* Kashmiri terrorist group based in Pakistan
Headquartered in Pakistan, Lashkar-i-Taiba (LT) is a group of Kashmiri terrorists that was formed in 1990 as the military wing of Markaz-ud-Dawa-wal-Irshad (MDI), a Pakistani-based Islamic fundamentalist organization with close ties to the Taliban. Active in Jammu and Kashmir, a contested territory between India and Pakistan, LT’s goal is to violently wrest control of that region from India. The organization’s membership is composed of at least several hundred individuals in Pakistan, Azad Kashmir, and India’s southern Kashmir and Doda regions.
LT trains its recruits in two phases. First is a 21-day basic phase caled Daura Aam, during which new members are exhorted to devote themselves fully to jihad, or holy war. This is followed by a three-month special phase known as Daura Khaas, which provides training in weapons, ambush and survival tactics. Directing its violence against both military and civilian targets, LT has traditionally trained its new recruits in madrassas (Islamic seminars) located in Afghanistan and Pakistani Kashmir, though after the U.S. invasion of Afghanistan in October 2001, the LT-affiliated madrassas in that country were closed.
Heavily influenced by MDI’s fundamentalist doctrines, LT seeks to help establish a pan-Islamic rule in Central Asia. Some of its leaders have goals that are still more ambitious, advocating a worldwide jihad for the supremacy of Islam on every continent. Strongly anti-Western and anti-Indian, LT received much support from the Pakistani government and the Pakistani Inter-Services Intelligence agency until December 26, 2001, when the United States designated the group as a foreign terrorist organization. That same month, Pakistan froze LT assets at America’s request; about three weeks thereafter, Pakistan also added the organization to its list of banned terrorist groups.

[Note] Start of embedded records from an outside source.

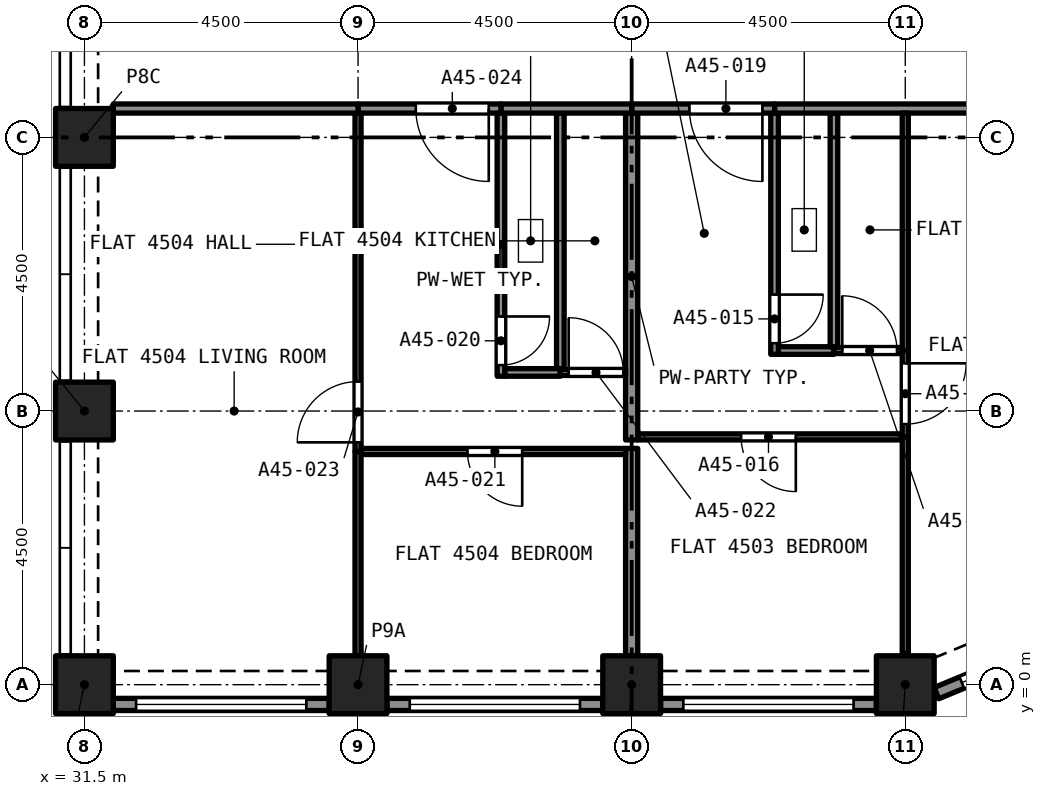
"""IFC4 building model, lengths in metres.
Left out: names, types, materials, properties, quantities, classifications, styles, units other than length and angle.
Written with IfcOpenShell. Run it as: python <this file> out.ifc"""

import sys

from ifc_helpers import new_model, si_unit, direction, frame, frame_2d, origin, origin_2d, place, context, subcontext, project, spatial, rectangle, extrude, element, fill, save


model = new_model("IFC4")
c1 = context("Model", 3, precision=1e-05, world=origin(), true_north=direction((0.0, 1.0)))
c2 = subcontext(c1, "Body", "Model", "MODEL_VIEW")
j1 = project(units=[si_unit("LENGTHUNIT", "METRE"), si_unit("PLANEANGLEUNIT", "RADIAN")], contexts=[c1])
p1 = place(None, origin())
s1 = spatial("IfcSite", under=j1, at=p1, CompositionType="ELEMENT")
p2 = place(p1, origin())
s2 = spatial("IfcBuilding", under=s1, at=p2, CompositionType="ELEMENT")
p3 = place(p2, frame((0.0, 0.0, 163.8)))
s3 = spatial("IfcBuildingStorey", under=s2, at=p3, CompositionType="ELEMENT", Elevation=163.8)
for number, where, z_axis, x_axis in (
    (1, (31.5, 0.0, 0.0), (0.0, 0.0, 1.0), (1.0, 0.0, 0.0)),
    (2, (36.0, 0.0, 0.0), (0.0, 0.0, 1.0), (1.0, 0.0, 0.0)),
    (3, (40.5, 0.0, 0.0), (0.0, 0.0, 1.0), (1.0, 0.0, 0.0)),
    (4, (45.0, 0.0, 0.0), (0.0, 0.0, 1.0), (1.0, 0.0, 0.0)),
    (5, (31.5, 4.5, 0.0), (0.0, 0.0, 1.0), (1.0, 0.0, 0.0)),
    (6, (31.5, 9.0, 0.0), (0.0, 0.0, 1.0), (1.0, 0.0, 0.0)),
):
    element("IfcColumn", number, at=place(p3, frame(where, z_axis=z_axis, x_axis=x_axis)), inside=s3, PredefinedType="COLUMN", context=c2, shape_type="SweptSolid", body=[
        extrude(rectangle(XDim=0.95, YDim=0.95, at=origin_2d()), origin(), (0.0, 0.0, 1.0), 4.4),
    ])
p4 = place(p3, frame((35.525, -0.325, 0.0), z_axis=(0.0, 0.0, 1.0), x_axis=(-1.0, 0.0, 0.0)))
e7 = element("IfcWall", 7, at=p4, inside=s3, PredefinedType="SOLIDWALL", context=c2, shape_type="SweptSolid", body=[
    extrude(rectangle(XDim=3.55, YDim=0.2, at=frame_2d((1.775, 0.0))), origin(), (0.0, 0.0, 1.0), 4.4),
])
p5 = place(p4, frame((0.375, 0.0, 0.45)))
e8 = element("IfcOpeningElement", 8, at=p5, cuts=e7, PredefinedType="OPENING", context=c2, shape_type="SweptSolid", body=[
    extrude(rectangle(XDim=2.8, YDim=2.55, at=frame_2d((1.4, 1.275))), frame((0.0, 0.11, 0.0), z_axis=(0.0, -1.0, 0.0), x_axis=(1.0, 0.0, 0.0)), (0.0, 0.0, 1.0), 0.22),
])
p6 = place(p3, frame((40.025, -0.325, 0.0), z_axis=(0.0, 0.0, 1.0), x_axis=(-1.0, 0.0, 0.0)))
e9 = element("IfcWall", 9, at=p6, inside=s3, PredefinedType="SOLIDWALL", context=c2, shape_type="SweptSolid", body=[
    extrude(rectangle(XDim=3.55, YDim=0.2, at=frame_2d((1.775, 0.0))), origin(), (0.0, 0.0, 1.0), 4.4),
])
p7 = place(p6, frame((0.375, 0.0, 0.45)))
e10 = element("IfcOpeningElement", 10, at=p7, cuts=e9, PredefinedType="OPENING", context=c2, shape_type="SweptSolid", body=[
    extrude(rectangle(XDim=2.8, YDim=2.55, at=frame_2d((1.4, 1.275))), frame((0.0, 0.11, 0.0), z_axis=(0.0, -1.0, 0.0), x_axis=(1.0, 0.0, 0.0)), (0.0, 0.0, 1.0), 0.22),
])
p8 = place(p3, frame((44.525, -0.325, 0.0), z_axis=(0.0, 0.0, 1.0), x_axis=(-1.0, 0.0, 0.0)))
e11 = element("IfcWall", 11, at=p8, inside=s3, PredefinedType="SOLIDWALL", context=c2, shape_type="SweptSolid", body=[
    extrude(rectangle(XDim=3.55, YDim=0.2, at=frame_2d((1.775, 0.0))), origin(), (0.0, 0.0, 1.0), 4.4),
])
p9 = place(p8, frame((0.375, 0.0, 0.45)))
e12 = element("IfcOpeningElement", 12, at=p9, cuts=e11, PredefinedType="OPENING", context=c2, shape_type="SweptSolid", body=[
    extrude(rectangle(XDim=2.8, YDim=2.55, at=frame_2d((1.4, 1.275))), frame((0.0, 0.11, 0.0), z_axis=(0.0, -1.0, 0.0), x_axis=(1.0, 0.0, 0.0)), (0.0, 0.0, 1.0), 0.22),
])
p10 = place(p3, frame((47.733, 0.78, 0.0), z_axis=(0.0, 0.0, 1.0), x_axis=(-0.923880599843, -0.382680855588, 0.0)))
e13 = element("IfcWall", 13, at=p10, inside=s3, PredefinedType="SOLIDWALL", context=c2, shape_type="SweptSolid", body=[
    extrude(rectangle(XDim=2.403, YDim=0.2, at=frame_2d((1.201, 0.0))), origin(), (0.0, 0.0, 1.0), 4.4),
])
p11 = place(p10, frame((0.251, 0.0, 0.45)))
e14 = element("IfcOpeningElement", 14, at=p11, cuts=e13, PredefinedType="OPENING", context=c2, shape_type="SweptSolid", body=[
    extrude(rectangle(XDim=1.7, YDim=2.55, at=frame_2d((0.85, 1.275))), frame((0.0, 0.11, 0.0), z_axis=(0.0, -1.0, 0.0), x_axis=(1.0, 0.0, 0.0)), (0.0, 0.0, 1.0), 0.22),
])
p12 = place(p3, frame((42.913, 5.495, 0.0), z_axis=(0.0, 0.0, 1.0), x_axis=(1.0, 0.0, 0.0)))
e15 = element("IfcWall", 15, at=p12, inside=s3, PredefinedType="PARTITIONING", context=c2, shape_type="SweptSolid", body=[
    extrude(rectangle(XDim=0.915, YDim=0.125, at=frame_2d((0.458, 0.0))), origin(), (0.0, 0.0, 1.0), 4.1),
])
p13 = place(p3, frame((42.85, 9.4, 0.0), z_axis=(0.0, 0.0, 1.0), x_axis=(0.0, -1.0, 0.0)))
e16 = element("IfcWall", 16, at=p13, inside=s3, PredefinedType="PARTITIONING", context=c2, shape_type="SweptSolid", body=[
    extrude(rectangle(XDim=3.967, YDim=0.125, at=frame_2d((1.984, 0.0))), origin(), (0.0, 0.0, 1.0), 4.1),
])
p14 = place(p13, frame((2.985, 0.0, 0.0)))
e17 = element("IfcOpeningElement", 17, at=p14, cuts=e16, PredefinedType="OPENING", context=c2, shape_type="SweptSolid", body=[
    extrude(rectangle(XDim=0.8, YDim=2.1, at=frame_2d((0.4, 1.05))), frame((0.0, 0.073, 0.0), z_axis=(0.0, -1.0, 0.0), x_axis=(1.0, 0.0, 0.0)), (0.0, 0.0, 1.0), 0.145),
])
p15 = place(p3, frame((43.827, 5.558, 0.0), z_axis=(0.0, 0.0, 1.0), x_axis=(0.0, 1.0, 0.0)))
e18 = element("IfcWall", 18, at=p15, inside=s3, PredefinedType="PARTITIONING", context=c2, shape_type="SweptSolid", body=[
    extrude(rectangle(XDim=3.842, YDim=0.125, at=frame_2d((1.921, 0.0))), origin(), (0.0, 0.0, 1.0), 4.1),
])
p16 = place(p3, frame((42.85, 9.475, 0.0), z_axis=(0.0, 0.0, 1.0), x_axis=(1.0, 0.0, 0.0)))
e19 = element("IfcWall", 19, at=p16, inside=s3, PredefinedType="PARTITIONING", context=c2, shape_type="SweptSolid", body=[
    extrude(rectangle(XDim=6.175, YDim=0.15, at=frame_2d((3.087, 0.0))), origin(), (0.0, 0.0, 1.0), 4.1),
])
p17 = place(p3, frame((44.95, 4.075, 0.0), z_axis=(0.0, 0.0, 1.0), x_axis=(-1.0, 0.0, 0.0)))
e20 = element("IfcWall", 20, at=p17, inside=s3, PredefinedType="PARTITIONING", context=c2, shape_type="SweptSolid", body=[
    extrude(rectangle(XDim=4.35, YDim=0.1, at=frame_2d((2.175, 0.0))), origin(), (0.0, 0.0, 1.0), 4.1),
])
p18 = place(p17, frame((1.75, 0.0, 0.0)))
e21 = element("IfcOpeningElement", 21, at=p18, cuts=e20, PredefinedType="OPENING", context=c2, shape_type="SweptSolid", body=[
    extrude(rectangle(XDim=0.9, YDim=2.1, at=frame_2d((0.45, 1.05))), frame((0.0, 0.06, 0.0), z_axis=(0.0, -1.0, 0.0), x_axis=(1.0, 0.0, 0.0)), (0.0, 0.0, 1.0), 0.12),
])
p19 = place(p3, frame((45.0, 0.514, 0.0), z_axis=(0.0, 0.0, 1.0), x_axis=(0.0, 1.0, 0.0)))
e22 = element("IfcWall", 22, at=p19, inside=s3, PredefinedType="PARTITIONING", context=c2, shape_type="SweptSolid", body=[
    extrude(rectangle(XDim=3.561, YDim=0.1, at=frame_2d((1.78, 0.0))), origin(), (0.0, 0.0, 1.0), 4.1),
])
p20 = place(p3, frame((40.5, 0.475, 0.0), z_axis=(0.0, 0.0, 1.0), x_axis=(0.0, 1.0, 0.0)))
e23 = element("IfcWall", 23, at=p20, inside=s3, PredefinedType="PARTITIONING", context=c2, shape_type="SweptSolid", body=[
    extrude(rectangle(XDim=3.41, YDim=0.2, at=frame_2d((1.705, 0.0))), origin(), (0.0, 0.0, 1.0), 4.1),
])
p21 = place(p3, frame((43.827, 5.495, 0.0), z_axis=(0.0, 0.0, 1.0), x_axis=(1.0, 0.0, 0.0)))
e24 = element("IfcWall", 24, at=p21, inside=s3, PredefinedType="PARTITIONING", context=c2, shape_type="SweptSolid", body=[
    extrude(rectangle(XDim=1.123, YDim=0.1, at=frame_2d((0.561, 0.0))), origin(), (0.0, 0.0, 1.0), 4.1),
])
p22 = place(p21, frame((0.136, 0.0, 0.0)))
e25 = element("IfcOpeningElement", 25, at=p22, cuts=e24, PredefinedType="OPENING", context=c2, shape_type="SweptSolid", body=[
    extrude(rectangle(XDim=0.9, YDim=2.1, at=frame_2d((0.45, 1.05))), frame((0.0, 0.06, 0.0), z_axis=(0.0, -1.0, 0.0), x_axis=(1.0, 0.0, 0.0)), (0.0, 0.0, 1.0), 0.12),
])
p23 = place(p3, frame((45.0, 5.495, 0.0), z_axis=(0.0, 0.0, 1.0), x_axis=(0.0, -1.0, 0.0)))
e26 = element("IfcWall", 26, at=p23, inside=s3, PredefinedType="PARTITIONING", context=c2, shape_type="SweptSolid", body=[
    extrude(rectangle(XDim=1.42, YDim=0.1, at=frame_2d((0.71, 0.0))), origin(), (0.0, 0.0, 1.0), 4.1),
])
p24 = place(p23, frame((0.21, 0.0, 0.0)))
e27 = element("IfcOpeningElement", 27, at=p24, cuts=e26, PredefinedType="OPENING", context=c2, shape_type="SweptSolid", body=[
    extrude(rectangle(XDim=1.0, YDim=2.1, at=frame_2d((0.5, 1.05))), frame((0.0, 0.06, 0.0), z_axis=(0.0, -1.0, 0.0), x_axis=(1.0, 0.0, 0.0)), (0.0, 0.0, 1.0), 0.12),
])
p25 = place(p3, frame((40.5, 4.025, 0.0), z_axis=(0.0, 0.0, 1.0), x_axis=(0.0, 1.0, 0.0)))
e28 = element("IfcWall", 28, at=p25, inside=s3, PredefinedType="PARTITIONING", context=c2, shape_type="SweptSolid", body=[
    extrude(rectangle(XDim=5.375, YDim=0.2, at=frame_2d((2.688, 0.0))), origin(), (0.0, 0.0, 1.0), 4.1),
])
p26 = place(p3, frame((42.85, 9.475, 0.0), z_axis=(0.0, 0.0, 1.0), x_axis=(-1.0, 0.0, 0.0)))
e29 = element("IfcWall", 29, at=p26, inside=s3, PredefinedType="PARTITIONING", context=c2, shape_type="SweptSolid", body=[
    extrude(rectangle(XDim=2.35, YDim=0.15, at=frame_2d((1.175, 0.0))), origin(), (0.0, 0.0, 1.0), 4.1),
])
p27 = place(p26, frame((0.2, 0.0, 0.0)))
e30 = element("IfcOpeningElement", 30, at=p27, cuts=e29, PredefinedType="OPENING", context=c2, shape_type="SweptSolid", body=[
    extrude(rectangle(XDim=1.2, YDim=2.4, at=frame_2d((0.6, 1.2))), frame((0.0, 0.085, 0.0), z_axis=(0.0, -1.0, 0.0), x_axis=(1.0, 0.0, 0.0)), (0.0, 0.0, 1.0), 0.17),
])
p28 = place(p3, frame((45.0, 5.495, 0.0), z_axis=(0.0, 0.0, 1.0), x_axis=(0.0, 1.0, 0.0)))
e31 = element("IfcWall", 31, at=p28, inside=s3, PredefinedType="PARTITIONING", context=c2, shape_type="SweptSolid", body=[
    extrude(rectangle(XDim=3.905, YDim=0.1, at=frame_2d((1.952, 0.0))), origin(), (0.0, 0.0, 1.0), 4.1),
])
p29 = place(p3, frame((38.413, 5.135, 0.0), z_axis=(0.0, 0.0, 1.0), x_axis=(1.0, 0.0, 0.0)))
e32 = element("IfcWall", 32, at=p29, inside=s3, PredefinedType="PARTITIONING", context=c2, shape_type="SweptSolid", body=[
    extrude(rectangle(XDim=0.915, YDim=0.125, at=frame_2d((0.458, 0.0))), origin(), (0.0, 0.0, 1.0), 4.1),
])
p30 = place(p3, frame((38.35, 9.4, 0.0), z_axis=(0.0, 0.0, 1.0), x_axis=(0.0, -1.0, 0.0)))
e33 = element("IfcWall", 33, at=p30, inside=s3, PredefinedType="PARTITIONING", context=c2, shape_type="SweptSolid", body=[
    extrude(rectangle(XDim=4.327, YDim=0.125, at=frame_2d((2.164, 0.0))), origin(), (0.0, 0.0, 1.0), 4.1),
])
p31 = place(p30, frame((3.345, 0.0, 0.0)))
e34 = element("IfcOpeningElement", 34, at=p31, cuts=e33, PredefinedType="OPENING", context=c2, shape_type="SweptSolid", body=[
    extrude(rectangle(XDim=0.8, YDim=2.1, at=frame_2d((0.4, 1.05))), frame((0.0, 0.073, 0.0), z_axis=(0.0, -1.0, 0.0), x_axis=(1.0, 0.0, 0.0)), (0.0, 0.0, 1.0), 0.145),
])
p32 = place(p3, frame((39.327, 5.198, 0.0), z_axis=(0.0, 0.0, 1.0), x_axis=(0.0, 1.0, 0.0)))
e35 = element("IfcWall", 35, at=p32, inside=s3, PredefinedType="PARTITIONING", context=c2, shape_type="SweptSolid", body=[
    extrude(rectangle(XDim=4.202, YDim=0.125, at=frame_2d((2.101, 0.0))), origin(), (0.0, 0.0, 1.0), 4.1),
])
p33 = place(p3, frame((38.35, 9.475, 0.0), z_axis=(0.0, 0.0, 1.0), x_axis=(1.0, 0.0, 0.0)))
e36 = element("IfcWall", 36, at=p33, inside=s3, PredefinedType="PARTITIONING", context=c2, shape_type="SweptSolid", body=[
    extrude(rectangle(XDim=2.15, YDim=0.15, at=frame_2d((1.075, 0.0))), origin(), (0.0, 0.0, 1.0), 4.1),
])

LT has carried out many attacks against Indian troops and civilians in Kashmir — usually by use of small arms, explosives, and rocket-propelled grenades; occasionally it stages suicide missions in which groups of two to five LT members attack Indian troops. LT militants also have perpetrated massacres of non-Muslim civilians, especially Hindus and Sikhs. Disguising themselves as Indian Special Forces, these militants round up civilians in remote villages and summarily execute them. For instance, on July 13, 2002, LT members disguised as Hindu holy men killed 27 slum dwellers — including 13 women and a child — in Jammu. In August 2000, another LT attack killed approximately 100 people in Kashmir. In recent years, there have been reports of LT members fighting in Chechnya, Bosnia, parts of the Middle East, and the Philippines, suggesting the possibility that the organization has close ties to al Qaeda.
LT military operations in Kashmir are led by Abdul Wahid Kashmiri, who filled this position after LT founder Hafiz Muhammed Saeed was arrested by Pakistani authorities in December 2001.
In 2003, a group of eleven jihadists in Virginia were indicted for conspiring with Lashkar-i-Taiba to carry out terrorist attacks in Kashmir. One of organizers of this cell, Randal Todd “Ismail” Royer, was a communications specialist for the Council on American Islamic Relations and the Muslim American Society; Royer pled guilty to the charges against him.